Personal information
- Nationality: South African
- Born: 17 January 2004 (age 22)
- Relatives: Charl Raats (Father), Elsabe Raats (Mother), Muranda Klaassen (Sister), Diane Oosthuizen (Sister)

Sport
- Sport: Track and Field
- Event: High Jump

Achievements and titles
- Personal best: High jump: 2.26m (2022)

Medal record
Men's athletics
Representing South Africa
African Championships
| Gold medal – first place | 2024 Douala | High jump |
World U20 Championships
| Silver medal – second place | 2022 Cali | High jump |
African U20 Championships
| Gold medal – first place | 2023 Ndola | High jump |

= Brian Raats =

South African athlete (born 2004)

Brian Raats (born 17 January 2004) is a South African track and field athlete. In 2024, he became national champion in the high jump.

==Biography==
In 2022, aged 18 years-old, Raats jumped a personal best in the high jump of 2.26 metres in Potchefstroom. He finished second in the high jump at the 2022 World Athletics U20 Championships in Cali, Colombia. In 2022, he was nominated for South African Junior Athlete of the Year.

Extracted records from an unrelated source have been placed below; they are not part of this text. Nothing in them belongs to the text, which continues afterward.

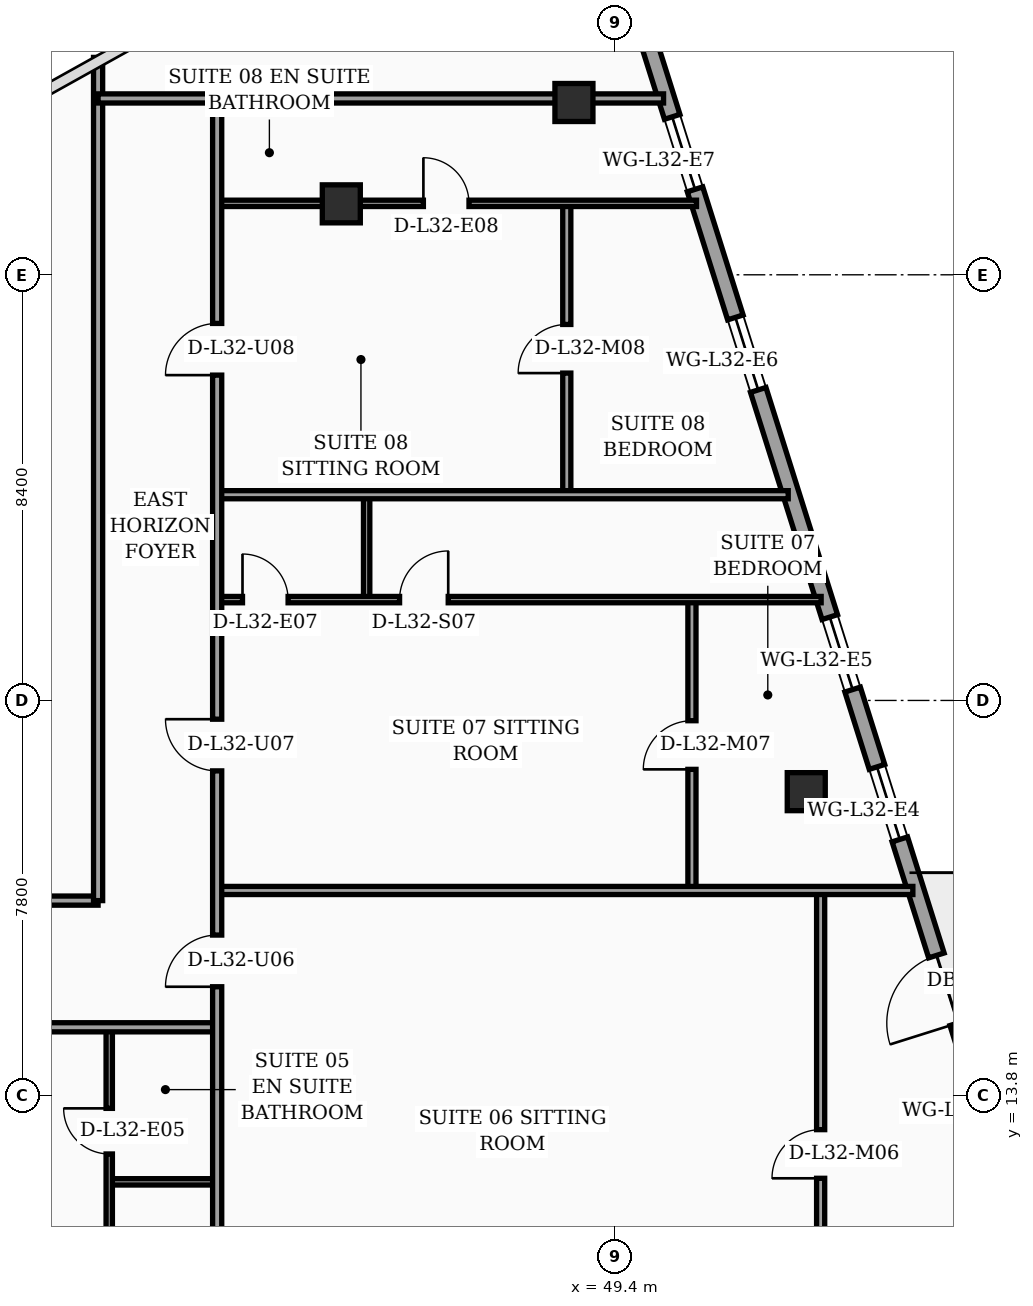
"""IFC4 building model, lengths in metres.
Left out: names, types, materials, properties, quantities, classifications, styles, units other than length and angle.
Written with IfcOpenShell. Run it as: python <this file> out.ifc"""

import sys

from ifc_helpers import new_model, si_unit, direction, frame, frame_2d, origin, origin_2d, place, context, subcontext, project, spatial, rectangle, hollow_rectangle, extrude, element, fill, save


model = new_model("IFC4")
c1 = context("Model", 3, precision=1e-05, world=origin(), true_north=direction((0.0, 1.0)))
c2 = subcontext(c1, "Body", "Model", "MODEL_VIEW")
j1 = project(units=[si_unit("LENGTHUNIT", "METRE"), si_unit("PLANEANGLEUNIT", "RADIAN")], contexts=[c1])
p1 = place(None, origin())
s1 = spatial("IfcSite", under=j1, at=p1, CompositionType="ELEMENT")
p2 = place(p1, origin())
s2 = spatial("IfcBuilding", under=s1, at=p2, CompositionType="ELEMENT")
p3 = place(p2, frame((0.0, 0.0, 131.6)))
s3 = spatial("IfcBuildingStorey", under=s2, at=p3, CompositionType="ELEMENT", Elevation=131.6)
for number, where, z_axis, x_axis in (
    (1, (44.0, 31.4, 0.0), (0.0, 0.0, 1.0), (1.0, 0.0, 0.0)),
    (2, (53.176, 19.8, 0.0), (0.0, 0.0, 1.0), (1.0, 0.0, 0.0)),
    (3, (48.591, 33.4, 0.0), (0.0, 0.0, 1.0), (1.0, 0.0, 0.0)),
):
    element("IfcColumn", number, at=place(p3, frame(where, z_axis=z_axis, x_axis=x_axis)), inside=s3, PredefinedType="COLUMN", context=c2, shape_type="SweptSolid", body=[
        extrude(hollow_rectangle(XDim=0.75, YDim=0.75, WallThickness=0.032, at=origin_2d()), origin(), (0.0, 0.0, 1.0), 3.56),
    ])
p4 = place(p3, frame((59.23, 5.505, 0.0), z_axis=(0.0, 0.0, 1.0), x_axis=(-0.300509063924, 0.953778958931, 0.0)))
e4 = element("IfcWall", 4, at=p4, inside=s3, PredefinedType="SOLIDWALL", context=c2, shape_type="SweptSolid", body=[
    extrude(rectangle(XDim=30.814, YDim=0.32, at=frame_2d((15.407, 0.0))), origin(), (0.0, 0.0, 1.0), 3.56),
])
p5 = place(p4, frame((10.199, 0.0, 0.0)))
e5 = element("IfcOpeningElement", 5, at=p5, cuts=e4, PredefinedType="OPENING", context=c2, shape_type="SweptSolid", body=[
    extrude(rectangle(XDim=1.4, YDim=2.25, at=frame_2d((0.7, 1.125))), frame((0.0, 0.17, 0.0), z_axis=(0.0, -1.0, 0.0), x_axis=(1.0, 0.0, 0.0)), (0.0, 0.0, 1.0), 0.34),
])
p6 = place(p4, frame((2.65, 0.0, 0.75)))
e6 = element("IfcOpeningElement", 6, at=p6, cuts=e4, PredefinedType="OPENING", context=c2, shape_type="SweptSolid", body=[
    extrude(rectangle(XDim=1.5, YDim=1.6, at=frame_2d((0.75, 0.8))), frame((0.0, 0.17, 0.0), z_axis=(0.0, -1.0, 0.0), x_axis=(1.0, 0.0, 0.0)), (0.0, 0.0, 1.0), 0.34),
])
p7 = place(p4, frame((4.7, 0.0, 0.75)))
e7 = element("IfcOpeningElement", 7, at=p7, cuts=e4, PredefinedType="OPENING", context=c2, shape_type="SweptSolid", body=[
    extrude(rectangle(XDim=1.5, YDim=1.6, at=frame_2d((0.75, 0.8))), frame((0.0, 0.17, 0.0), z_axis=(0.0, -1.0, 0.0), x_axis=(1.0, 0.0, 0.0)), (0.0, 0.0, 1.0), 0.34),
])
p8 = place(p4, frame((7.8, 0.0, 0.75)))
e8 = element("IfcOpeningElement", 8, at=p8, cuts=e4, PredefinedType="OPENING", context=c2, shape_type="SweptSolid", body=[
    extrude(rectangle(XDim=1.5, YDim=1.6, at=frame_2d((0.75, 0.8))), frame((0.0, 0.17, 0.0), z_axis=(0.0, -1.0, 0.0), x_axis=(1.0, 0.0, 0.0)), (0.0, 0.0, 1.0), 0.34),
])
p9 = place(p4, frame((14.0, 0.0, 0.75)))
e9 = element("IfcOpeningElement", 9, at=p9, cuts=e4, PredefinedType="OPENING", context=c2, shape_type="SweptSolid", body=[
    extrude(rectangle(XDim=1.5, YDim=1.6, at=frame_2d((0.75, 0.8))), frame((0.0, 0.17, 0.0), z_axis=(0.0, -1.0, 0.0), x_axis=(1.0, 0.0, 0.0)), (0.0, 0.0, 1.0), 0.34),
])
p10 = place(p4, frame((17.1, 0.0, 0.75)))
e10 = element("IfcOpeningElement", 10, at=p10, cuts=e4, PredefinedType="OPENING", context=c2, shape_type="SweptSolid", body=[
    extrude(rectangle(XDim=1.5, YDim=1.6, at=frame_2d((0.75, 0.8))), frame((0.0, 0.17, 0.0), z_axis=(0.0, -1.0, 0.0), x_axis=(1.0, 0.0, 0.0)), (0.0, 0.0, 1.0), 0.34),
])
p11 = place(p4, frame((23.3, 0.0, 0.75)))
e11 = element("IfcOpeningElement", 11, at=p11, cuts=e4, PredefinedType="OPENING", context=c2, shape_type="SweptSolid", body=[
    extrude(rectangle(XDim=1.5, YDim=1.6, at=frame_2d((0.75, 0.8))), frame((0.0, 0.17, 0.0), z_axis=(0.0, -1.0, 0.0), x_axis=(1.0, 0.0, 0.0)), (0.0, 0.0, 1.0), 0.34),
])
p12 = place(p4, frame((27.45, 0.0, 0.75)))
e12 = element("IfcOpeningElement", 12, at=p12, cuts=e4, PredefinedType="OPENING", context=c2, shape_type="SweptSolid", body=[
    extrude(rectangle(XDim=1.5, YDim=1.6, at=frame_2d((0.75, 0.8))), frame((0.0, 0.17, 0.0), z_axis=(0.0, -1.0, 0.0), x_axis=(1.0, 0.0, 0.0)), (0.0, 0.0, 1.0), 0.34),
])
p13 = place(p3, frame((39.42, 12.1, 0.0), z_axis=(0.0, 0.0, 1.0), x_axis=(1.0, 0.0, 0.0)))
e13 = element("IfcWall", 13, at=p13, inside=s3, PredefinedType="PARTITIONING", context=c2, shape_type="SweptSolid", body=[
    extrude(rectangle(XDim=2.13, YDim=0.125, at=frame_2d((1.065, 0.0))), origin(), (0.0, 0.0, 1.0), 3.56),
])
p14 = place(p3, frame((39.42, 2.44, 0.0), z_axis=(0.0, 0.0, 1.0), x_axis=(0.0, 1.0, 0.0)))
e14 = element("IfcWall", 14, at=p14, inside=s3, PredefinedType="PARTITIONING", context=c2, shape_type="SweptSolid", body=[
    extrude(rectangle(XDim=12.71, YDim=0.125, at=frame_2d((6.355, 0.0))), origin(), (0.0, 0.0, 1.0), 2.84),
])
p15 = place(p14, frame((4.35, 0.0, 0.0)))
e15 = element("IfcOpeningElement", 15, at=p15, cuts=e14, PredefinedType="OPENING", context=c2, shape_type="SweptSolid", body=[
    extrude(rectangle(XDim=0.96, YDim=2.2, at=frame_2d((0.48, 1.1))), frame((0.0, 0.073, 0.0), z_axis=(0.0, -1.0, 0.0), x_axis=(1.0, 0.0, 0.0)), (0.0, 0.0, 1.0), 0.145),
])
p16 = place(p14, frame((10.21, 0.0, 0.0)))
e16 = element("IfcOpeningElement", 16, at=p16, cuts=e14, PredefinedType="OPENING", context=c2, shape_type="SweptSolid", body=[
    extrude(rectangle(XDim=0.9, YDim=2.15, at=frame_2d((0.45, 1.075))), frame((0.0, 0.073, 0.0), z_axis=(0.0, -1.0, 0.0), x_axis=(1.0, 0.0, 0.0)), (0.0, 0.0, 1.0), 0.145),
])
p17 = place(p3, frame((32.4, 15.15, 0.0), z_axis=(0.0, 0.0, 1.0), x_axis=(1.0, 0.0, 0.0)))
e17 = element("IfcWall", 17, at=p17, inside=s3, PredefinedType="PARTITIONING", context=c2, shape_type="SweptSolid", body=[
    extrude(rectangle(XDim=9.15, YDim=0.18, at=frame_2d((4.575, 0.0))), origin(), (0.0, 0.0, 1.0), 2.84),
])
p18 = place(p17, frame((3.1, 0.0, 0.0)))
e18 = element("IfcOpeningElement", 18, at=p18, cuts=e17, PredefinedType="OPENING", context=c2, shape_type="SweptSolid", body=[
    extrude(rectangle(XDim=1.02, YDim=2.2, at=frame_2d((0.51, 1.1))), frame((0.0, 0.1, 0.0), z_axis=(0.0, -1.0, 0.0), x_axis=(1.0, 0.0, 0.0)), (0.0, 0.0, 1.0), 0.2),
])
p19 = place(p3, frame((21.5, 17.65, 0.0), z_axis=(0.0, 0.0, 1.0), x_axis=(1.0, 0.0, 0.0)))
e19 = element("IfcWall", 19, at=p19, inside=s3, PredefinedType="PARTITIONING", context=c2, shape_type="SweptSolid", body=[
    extrude(rectangle(XDim=17.7, YDim=0.18, at=frame_2d((8.85, 0.0))), origin(), (0.0, 0.0, 1.0), 2.84),
])
p20 = place(p19, frame((0.95, 0.0, 0.0)))
e20 = element("IfcOpeningElement", 20, at=p20, cuts=e19, PredefinedType="OPENING", context=c2, shape_type="SweptSolid", body=[
    extrude(rectangle(XDim=1.02, YDim=2.2, at=frame_2d((0.51, 1.1))), frame((0.0, 0.1, 0.0), z_axis=(0.0, -1.0, 0.0), x_axis=(1.0, 0.0, 0.0)), (0.0, 0.0, 1.0), 0.2),
])
p21 = place(p19, frame((10.4, 0.0, 0.0)))
e21 = element("IfcOpeningElement", 21, at=p21, cuts=e19, PredefinedType="OPENING", context=c2, shape_type="SweptSolid", body=[
    extrude(rectangle(XDim=1.02, YDim=2.2, at=frame_2d((0.51, 1.1))), frame((0.0, 0.1, 0.0), z_axis=(0.0, -1.0, 0.0), x_axis=(1.0, 0.0, 0.0)), (0.0, 0.0, 1.0), 0.2),
])
p22 = place(p3, frame((39.2, 17.65, 0.0), z_axis=(0.0, 0.0, 1.0), x_axis=(0.0, 1.0, 0.0)))
e22 = element("IfcWall", 22, at=p22, inside=s3, PredefinedType="PARTITIONING", context=c2, shape_type="SweptSolid", body=[
    extrude(rectangle(XDim=16.64, YDim=0.18, at=frame_2d((8.32, 0.0))), origin(), (0.0, 0.0, 1.0), 2.84),
])
p23 = place(p3, frame((53.46, 7.45, 0.0), z_axis=(0.0, 0.0, 1.0), x_axis=(0.0, 1.0, 0.0)))
e23 = element("IfcWall", 23, at=p23, inside=s3, PredefinedType="PARTITIONING", context=c2, shape_type="SweptSolid", body=[
    extrude(rectangle(XDim=10.4, YDim=0.16, at=frame_2d((5.2, 0.0))), origin(), (0.0, 0.0, 1.0), 3.04),
])
p24 = place(p23, frame((4.72, 0.0, 0.0)))
e24 = element("IfcOpeningElement", 24, at=p24, cuts=e23, PredefinedType="OPENING", context=c2, shape_type="SweptSolid", body=[
    extrude(rectangle(XDim=0.96, YDim=2.2, at=frame_2d((0.48, 1.1))), frame((0.0, 0.09, 0.0), z_axis=(0.0, -1.0, 0.0), x_axis=(1.0, 0.0, 0.0)), (0.0, 0.0, 1.0), 0.18),
])
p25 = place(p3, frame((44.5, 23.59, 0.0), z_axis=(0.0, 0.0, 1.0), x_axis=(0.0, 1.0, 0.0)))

In March 2023, he won the South African U20 high jump title with a jump of 2.20 metres. He then won the gold medal at the African U20 Championships in Ndola, Zambia in 2023 with a jump of 2.15 metres.

In April 2024, he became the senior national high jump champion at the South African Athletics Championships in Pietermaritzburg.

He competed at the 2024 Summer Olympics, where he qualified for the final, finishing in twelfth place overall.

In September 2025, he competed at the 2025 World Athletics Championships in Tokyo, Japan.